UNISQUATTING IDN HOMOGRAPH ATTACKS

Danny Gershman
Founder and CEO | Radius Method

Unisquatting (a portmanteau for Unicode cybersquatting) or the Internationalized Domain Name (IDN) homograph attack is a fairly new type of mechanism that builds on several other types of Domain Name System (DNS) address attacks. The typosquat (Uniform Resource Locator (URL) hijacking) attack relies on being able to register a domain name very closely resembling another domain. For instance, a person may accidentally type exaample.com in their browser with the expectation of going to example.com.

Let’s say that example.com is a financial institution (Example Bank) for Alice. Alice typically goes to this site and logs in with her username and password.
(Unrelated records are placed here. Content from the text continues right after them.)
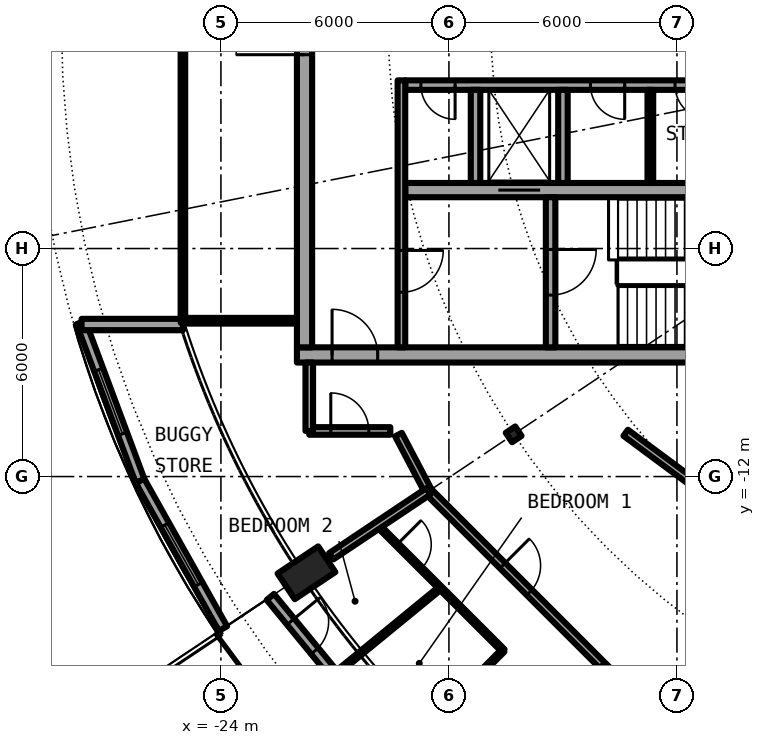
"""IFC4 building model, lengths in metres.
Left out: names, types, materials, properties, quantities, classifications, styles, units other than length and angle.
Written with IfcOpenShell. Run it as: python <this file> out.ifc"""

import sys

from ifc_helpers import new_model, si_unit, direction, frame, frame_2d, origin, origin_2d, place, context, subcontext, project, spatial, rectangle, hollow_circle, i_section, extrude, element, fill, save


model = new_model("IFC4")
c1 = context("Model", 3, precision=1e-05, world=origin(), true_north=direction((0.0, 1.0)))
c2 = subcontext(c1, "Body", "Model", "MODEL_VIEW")
j1 = project(units=[si_unit("LENGTHUNIT", "METRE"), si_unit("PLANEANGLEUNIT", "RADIAN")], contexts=[c1])
p1 = place(None, origin())
s1 = spatial("IfcSite", under=j1, at=p1, CompositionType="ELEMENT")
p2 = place(p1, origin())
s2 = spatial("IfcBuilding", under=s1, at=p2, CompositionType="ELEMENT")
p3 = place(p2, frame((0.0, 0.0, 234.05)))
s3 = spatial("IfcBuildingStorey", under=s2, at=p3, CompositionType="ELEMENT", Elevation=234.05)
p4 = place(p3, frame((-22.283, -14.889, 0.0), z_axis=(0.346913947437, 0.231777820067, 0.908806775502), x_axis=(-0.555532669549, 0.831494710184, 0.0)))
e1 = element("IfcColumn", 1, at=p4, inside=s3, PredefinedType="COLUMN", context=c2, shape_type="SweptSolid", body=[
    extrude(hollow_circle(Radius=0.406, WallThickness=0.03, at=origin_2d()), origin(), (0.0, 0.0, 1.0), 3.081),
])
p5 = place(p3, frame((-16.297, -10.889, 0.0), z_axis=(0.0, 0.0, 1.0), x_axis=(-0.831469612303, -0.55557023302, 0.0)))
e2 = element("IfcColumn", 2, at=p5, inside=s3, PredefinedType="COLUMN", context=c2, shape_type="SweptSolid", body=[
    extrude(i_section(OverallWidth=0.3, OverallDepth=0.3, WebThickness=0.011, FlangeThickness=0.019, FilletRadius=0.027, at=origin_2d()), origin(), (0.0, 0.0, 1.0), 3.05),
])
p6 = place(p3, frame((-22.699, -15.167, 0.0), z_axis=(0.0, 0.0, 1.0), x_axis=(0.634382322723, -0.773019449054, 0.0)))
e3 = element("IfcWall", 3, at=p6, inside=s3, PredefinedType="SOLIDWALL", context=c2, shape_type="SweptSolid", body=[
    extrude(rectangle(XDim=5.352, YDim=0.25, at=frame_2d((2.676, 0.0))), origin(), (0.0, 0.0, 1.0), 2.7),
])
p7 = place(p6, frame((0.841, 0.0, 0.0)))
e4 = element("IfcOpeningElement", 4, at=p7, cuts=e3, PredefinedType="OPENING", context=c2, shape_type="SweptSolid", body=[
    extrude(rectangle(XDim=1.0, YDim=2.2, at=frame_2d((0.5, 1.1))), frame((0.0, 0.135, 0.0), z_axis=(0.0, -1.0, 0.0), x_axis=(1.0, 0.0, 0.0)), (0.0, 0.0, 1.0), 0.27),
])
p8 = place(p6, frame((3.111, 0.0, 0.3)))
e5 = element("IfcOpeningElement", 5, at=p8, cuts=e3, PredefinedType="OPENING", context=c2, shape_type="SweptSolid", body=[
    extrude(rectangle(XDim=1.8, YDim=2.1, at=frame_2d((0.9, 1.05))), frame((0.0, 0.135, 0.0), z_axis=(0.0, -1.0, 0.0), x_axis=(1.0, 0.0, 0.0)), (0.0, 0.0, 1.0), 0.27),
])
p9 = place(p3, frame((-27.682, -7.945, 0.0), z_axis=(0.0, 0.0, 1.0), x_axis=(0.349247811493, -0.937030397675, 0.0)))
e6 = element("IfcWall", 6, at=p9, inside=s3, PredefinedType="SOLIDWALL", context=c2, shape_type="SweptSolid", body=[
    extrude(rectangle(XDim=4.452, YDim=0.25, at=frame_2d((2.226, 0.0))), origin(), (0.0, 0.0, 1.0), 2.7),
])
p10 = place(p9, frame((1.327, 0.0, 0.3)))
e7 = element("IfcOpeningElement", 7, at=p10, cuts=e6, PredefinedType="OPENING", context=c2, shape_type="SweptSolid", body=[
    extrude(rectangle(XDim=1.8, YDim=2.1, at=frame_2d((0.9, 1.05))), frame((0.0, 0.135, 0.0), z_axis=(0.0, -1.0, 0.0), x_axis=(1.0, 0.0, 0.0)), (0.0, 0.0, 1.0), 0.27),
])
p11 = place(p3, frame((-26.127, -12.117, 0.0), z_axis=(0.0, 0.0, 1.0), x_axis=(0.489696356642, -0.871893042919, 0.0)))
e8 = element("IfcWall", 8, at=p11, inside=s3, PredefinedType="SOLIDWALL", context=c2, shape_type="SweptSolid", body=[
    extrude(rectangle(XDim=4.454, YDim=0.25, at=frame_2d((2.227, 0.0))), origin(), (0.0, 0.0, 1.0), 2.7),
])
p12 = place(p11, frame((1.327, 0.0, 0.3)))
e9 = element("IfcOpeningElement", 9, at=p12, cuts=e8, PredefinedType="OPENING", context=c2, shape_type="SweptSolid", body=[
    extrude(rectangle(XDim=1.8, YDim=2.1, at=frame_2d((0.9, 1.05))), frame((0.0, 0.135, 0.0), z_axis=(0.0, -1.0, 0.0), x_axis=(1.0, 0.0, 0.0)), (0.0, 0.0, 1.0), 0.27),
])
p13 = place(p3, frame((-25.0, -8.0, 0.0), z_axis=(0.0, 0.0, 1.0), x_axis=(-1.0, 0.0, 0.0)))
e10 = element("IfcWall", 10, at=p13, inside=s3, PredefinedType="SOLIDWALL", context=c2, shape_type="SweptSolid", body=[
    extrude(rectangle(XDim=2.667, YDim=0.3, at=frame_2d((1.333, 0.0))), origin(), (0.0, 0.0, 1.0), 2.7),
])
p14 = place(p3, frame((-22.0, -8.8, 0.0), z_axis=(0.0, 0.0, 1.0), x_axis=(1.0, 0.0, 0.0)))
e11 = element("IfcWall", 11, at=p14, inside=s3, PredefinedType="SHEAR", context=c2, shape_type="SweptSolid", body=[
    extrude(rectangle(XDim=13.4, YDim=0.4, at=frame_2d((6.7, 0.0))), origin(), (0.0, 0.0, 1.0), 3.05),
])
p15 = place(p14, frame((0.925, 0.0, 0.0)))
e12 = element("IfcOpeningElement", 12, at=p15, cuts=e11, PredefinedType="OPENING", context=c2, shape_type="SweptSolid", body=[
    extrude(rectangle(XDim=1.2, YDim=2.3, at=frame_2d((0.6, 1.15))), frame((0.0, 0.21, 0.0), z_axis=(0.0, -1.0, 0.0), x_axis=(1.0, 0.0, 0.0)), (0.0, 0.0, 1.0), 0.42),
])
p16 = place(p3, frame((-21.8, -8.6, 0.0), z_axis=(0.0, 0.0, 1.0), x_axis=(0.0, 1.0, 0.0)))
e13 = element("IfcWall", 13, at=p16, inside=s3, PredefinedType="SHEAR", context=c2, shape_type="SweptSolid", body=[
    extrude(rectangle(XDim=17.2, YDim=0.4, at=frame_2d((8.6, 0.0))), origin(), (0.0, 0.0, 1.0), 3.05),
])
p17 = place(p16, frame((7.7, 0.0, 0.0)))
e14 = element("IfcOpeningElement", 14, at=p17, cuts=e13, PredefinedType="OPENING", context=c2, shape_type="SweptSolid", body=[
    extrude(rectangle(XDim=1.8, YDim=2.3, at=frame_2d((0.9, 1.15))), frame((0.0, 0.21, 0.0), z_axis=(0.0, -1.0, 0.0), x_axis=(1.0, 0.0, 0.0)), (0.0, 0.0, 1.0), 0.42),
])
p18 = place(p3, frame((-9.0, -1.7, 0.0), z_axis=(0.0, 0.0, 1.0), x_axis=(-1.0, 0.0, 0.0)))
e15 = element("IfcWall", 15, at=p18, inside=s3, PredefinedType="SHEAR", context=c2, shape_type="SweptSolid", body=[
    extrude(rectangle(XDim=10.15, YDim=0.25, at=frame_2d((5.075, 0.0))), origin(), (0.0, 0.0, 1.0), 3.05),
])
p19 = place(p18, frame((0.262, 0.0, 0.0)))
e16 = element("IfcOpeningElement", 16, at=p19, cuts=e15, PredefinedType="OPENING", context=c2, shape_type="SweptSolid", body=[
    extrude(rectangle(XDim=0.9, YDim=2.3, at=frame_2d((0.45, 1.15))), frame((0.0, 0.135, 0.0), z_axis=(0.0, -1.0, 0.0), x_axis=(1.0, 0.0, 0.0)), (0.0, 0.0, 1.0), 0.27),
])
p20 = place(p18, frame((2.15, 0.0, 0.0)))
e17 = element("IfcOpeningElement", 17, at=p20, cuts=e15, PredefinedType="OPENING", context=c2, shape_type="SweptSolid", body=[
    extrude(rectangle(XDim=0.9, YDim=2.3, at=frame_2d((0.45, 1.15))), frame((0.0, 0.135, 0.0), z_axis=(0.0, -1.0, 0.0), x_axis=(1.0, 0.0, 0.0)), (0.0, 0.0, 1.0), 0.27),
])
p21 = place(p18, frame((4.375, 0.0, 0.0)))
e18 = element("IfcOpeningElement", 18, at=p21, cuts=e15, PredefinedType="OPENING", context=c2, shape_type="SweptSolid", body=[
    extrude(rectangle(XDim=0.9, YDim=2.3, at=frame_2d((0.45, 1.15))), frame((0.0, 0.135, 0.0), z_axis=(0.0, -1.0, 0.0), x_axis=(1.0, 0.0, 0.0)), (0.0, 0.0, 1.0), 0.27),
])
p22 = place(p18, frame((8.837, 0.0, 0.0)))
e19 = element("IfcOpeningElement", 19, at=p22, cuts=e15, PredefinedType="OPENING", context=c2, shape_type="SweptSolid", body=[
    extrude(rectangle(XDim=0.9, YDim=2.3, at=frame_2d((0.45, 1.15))), frame((0.0, 0.135, 0.0), z_axis=(0.0, -1.0, 0.0), x_axis=(1.0, 0.0, 0.0)), (0.0, 0.0, 1.0), 0.27),
])
p23 = place(p3, frame((-9.0, -4.462, 0.0), z_axis=(0.0, 0.0, 1.0), x_axis=(-1.0, 0.0, 0.0)))
e20 = element("IfcWall", 20, at=p23, inside=s3, PredefinedType="SHEAR", context=c2, shape_type="SweptSolid", body=[
    extrude(rectangle(XDim=10.15, YDim=0.375, at=frame_2d((5.075, 0.0))), origin(), (0.0, 0.0, 1.0), 3.05),
])
p24 = place(p23, frame((6.6, 0.0, 0.0)))
e21 = element("IfcOpeningElement", 21, at=p24, cuts=e20, PredefinedType="OPENING", context=c2, shape_type="SweptSolid", body=[
    extrude(rectangle(XDim=1.1, YDim=2.3, at=frame_2d((0.55, 1.15))), frame((0.0, 0.198, 0.0), z_axis=(0.0, -1.0, 0.0), x_axis=(1.0, 0.0, 0.0)), (0.0, 0.0, 1.0), 0.395),
])
p25 = place(p3, frame((-15.325, -4.65, 0.0), z_axis=(0.0, 0.0, 1.0), x_axis=(0.0, -1.0, 0.0)))
e22 = element("IfcWall", 22, at=p25, inside=s3, PredefinedType="SHEAR", context=c2, shape_type="SweptSolid", body=[
    extrude(rectangle(XDim=3.95, YDim=0.25, at=frame_2d((1.975, 0.0))), origin(), (0.0, 0.0, 1.0), 3.05),
])
p26 = place(p25, frame((1.375, 0.0, 0.0)))
e23 = element("IfcOpeningElement", 23, at=p26, cuts=e22, PredefinedType="OPENING", context=c2, shape_type="SweptSolid", body=[
    extrude(rectangle(XDim=1.2, YDim=2.3, at=frame_2d((0.6, 1.15))), frame((0.0, 0.135, 0.0), z_axis=(0.0, -1.0, 0.0), x_axis=(1.0, 0.0, 0.0)), (0.0, 0.0, 1.0), 0.27),
])
for number, where, z_axis, x_axis in (
    (24, (-15.0, -1.825, 0.0), (0.0, 0.0, 1.0), (0.0, -1.0, 0.0)),
    (25, (-17.3, -1.825, 0.0), (0.0, 0.0, 1.0), (0.0, -1.0, 0.0)),
):
    element("IfcWall", number, at=place(p3, frame(where, z_axis=z_axis, x_axis=x_axis)), inside=s3, PredefinedType="SOLIDWALL", context=c2, shape_type="SweptSolid", body=[
        extrude(rectangle(XDim=2.45, YDim=0.25, at=frame_2d((1.225, 0.0))), origin(), (0.0, 0.0, 1.0), 2.7),
    ])
p27 = place(p3, frame((-19.25, -1.575, 0.0), z_axis=(0.0, 0.0, 1.0), x_axis=(0.0, -1.0, 0.0)))
e26 = element("IfcWall", 26, at=p27, inside=s3, PredefinedType="SOLIDWALL", context=c2, shape_type="SweptSolid", body=[
    extrude(rectangle(XDim=7.025, YDim=0.2, at=frame_2d((3.513, 0.0))), origin(), (0.0, 0.0, 1.0), 2.7),
])
p28 = place(p27, frame((4.475, 0.0, 0.0)))
e27 = element("IfcOpeningElement", 27, at=p28, cuts=e26, PredefinedType="OPENING", context=c2, shape_type="SweptSolid", body=[
    extrude(rectangle(XDim=1.1, YDim=2.3, at=frame_2d((0.55, 1.15))), frame((0.0, 0.11, 0.0), z_axis=(0.0, -1.0, 0.0), x_axis=(1.0, 0.0, 0.0)), (0.0, 0.0, 1.0), 0.22),
])
p29 = place(p3, frame((-12.7, -1.825, 0.0), z_axis=(0.0, 0.0, 1.0), x_axis=(0.0, -1.0, 0.0)))
e28 = element("IfcWall", 28, at=p29, inside=s3, PredefinedType="PARTITIONING", context=c2, shape_type="SweptSolid", body=[
    extrude(rectangle(XDim=2.45, YDim=0.15, at=frame_2d((1.225, 0.0))), origin(), (0.0, 0.0, 1.0), 2.7),
])
p30 = place(p3, frame((-22.0, -7.9, 0.0), z_axis=(0.0, 0.0, 1.0), x_axis=(-1.0, 0.0, 0.0)))
e29 = element("IfcWall", 29, at=p30, inside=s3, PredefinedType="PARTITIONING", context=c2, shape_type="SweptSolid", body=[
    extrude(rectangle(XDim=2.94, YDim=0.15, at=frame_2d((1.47, 0.0))), origin(), (0.0, 0.0, 1.0), 2.7),
])
p31 = place(p3, frame((-25.0, 7.95, 0.0), z_axis=(0.0, 0.0, 1.0), x_axis=(0.0, -1.0, 0.0)))
e30 = element("IfcWall", 30, at=p31, inside=s3, PredefinedType="PARTITIONING", context=c2, shape_type="SweptSolid", body=[
    extrude(rectangle(XDim=15.9, YDim=0.12, at=frame_2d((7.95, 0.0))), origin(), (0.0, 0.0, 1.0), 2.7),
])
p32 = place(p31, frame((0.95, 0.0, 0.1)))
e31 = element("IfcOpeningElement", 31, at=p32, cuts=e30, PredefinedType="OPENING", context=c2, shape_type="SweptSolid", body=[
    extrude(rectangle(XDim=14.0, YDim=2.35, at=frame_2d((7.0, 1.175))), frame((0.0, 0.07, 0.0), z_axis=(0.0, -1.0, 0.0), x_axis=(1.0, 0.0, 0.0)), (0.0, 0.0, 1.0), 0.14),
])
p33 = place(p3, frame((-19.869, -13.285, 0.0), z_axis=(0.0, 0.0, 1.0), x_axis=(0.707290020325, -0.706923494552, 0.0)))
e32 = element("IfcWall", 32, at=p33, inside=s3, PredefinedType="PARTITIONING", context=c2, shape_type="SweptSolid", body=[
    extrude(rectangle(XDim=4.663, YDim=0.1, at=frame_2d((2.331, 0.0))), origin(), (0.0, 0.0, 1.0), 2.7),
])
p34 = place(p33, frame((0.712, 0.0, 0.0)))
e33 = element("IfcOpeningElement", 33, at=p34, cuts=e32, PredefinedType="OPENING", context=c2, shape_type="SweptSolid", body=[
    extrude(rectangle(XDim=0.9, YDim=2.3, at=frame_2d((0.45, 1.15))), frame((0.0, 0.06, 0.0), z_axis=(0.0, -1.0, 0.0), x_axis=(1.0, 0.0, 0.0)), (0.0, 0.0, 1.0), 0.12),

Alice is at home one Saturday morning, drinking her coffee, and decides to check her finances. She accidentally types exaample.com in her browser and presses enter. What she doesn’t know is that Mr. Orange had bought and registered exaample.com using an anonymous cryptocurrency like ZCash (making it untraceable), and developed the site to look and feel just like Example Bank. Mr. Orange reused all the HTML assets from example.com and made it look exactly the same. He even went as far as to purchase an SSL certificate. The minor difference that Alice cannot see is that when she enters her credentials, they do not go to Example Bank for authentication, but instead get submitted to Mr. Orange’s server logs. Mr. Orange now has Alice’s username and password and can now log into her account.

There are several ways to prevent such an attack. Alice can ensure that multi-factor authentication requiring possession of a physical token is enabled on her account.  In that case, even if Mr. Orange steals her username and password, his login attempt will be unsuccessful because he does not have the physical device necessary for the additional verification step.  (Note:  Physical devices can be a physical token, such as a YubiKey, an RSA SecurID fob, or an authenticator application running on a smartphone that generates a time-based one-time password (TOTP).)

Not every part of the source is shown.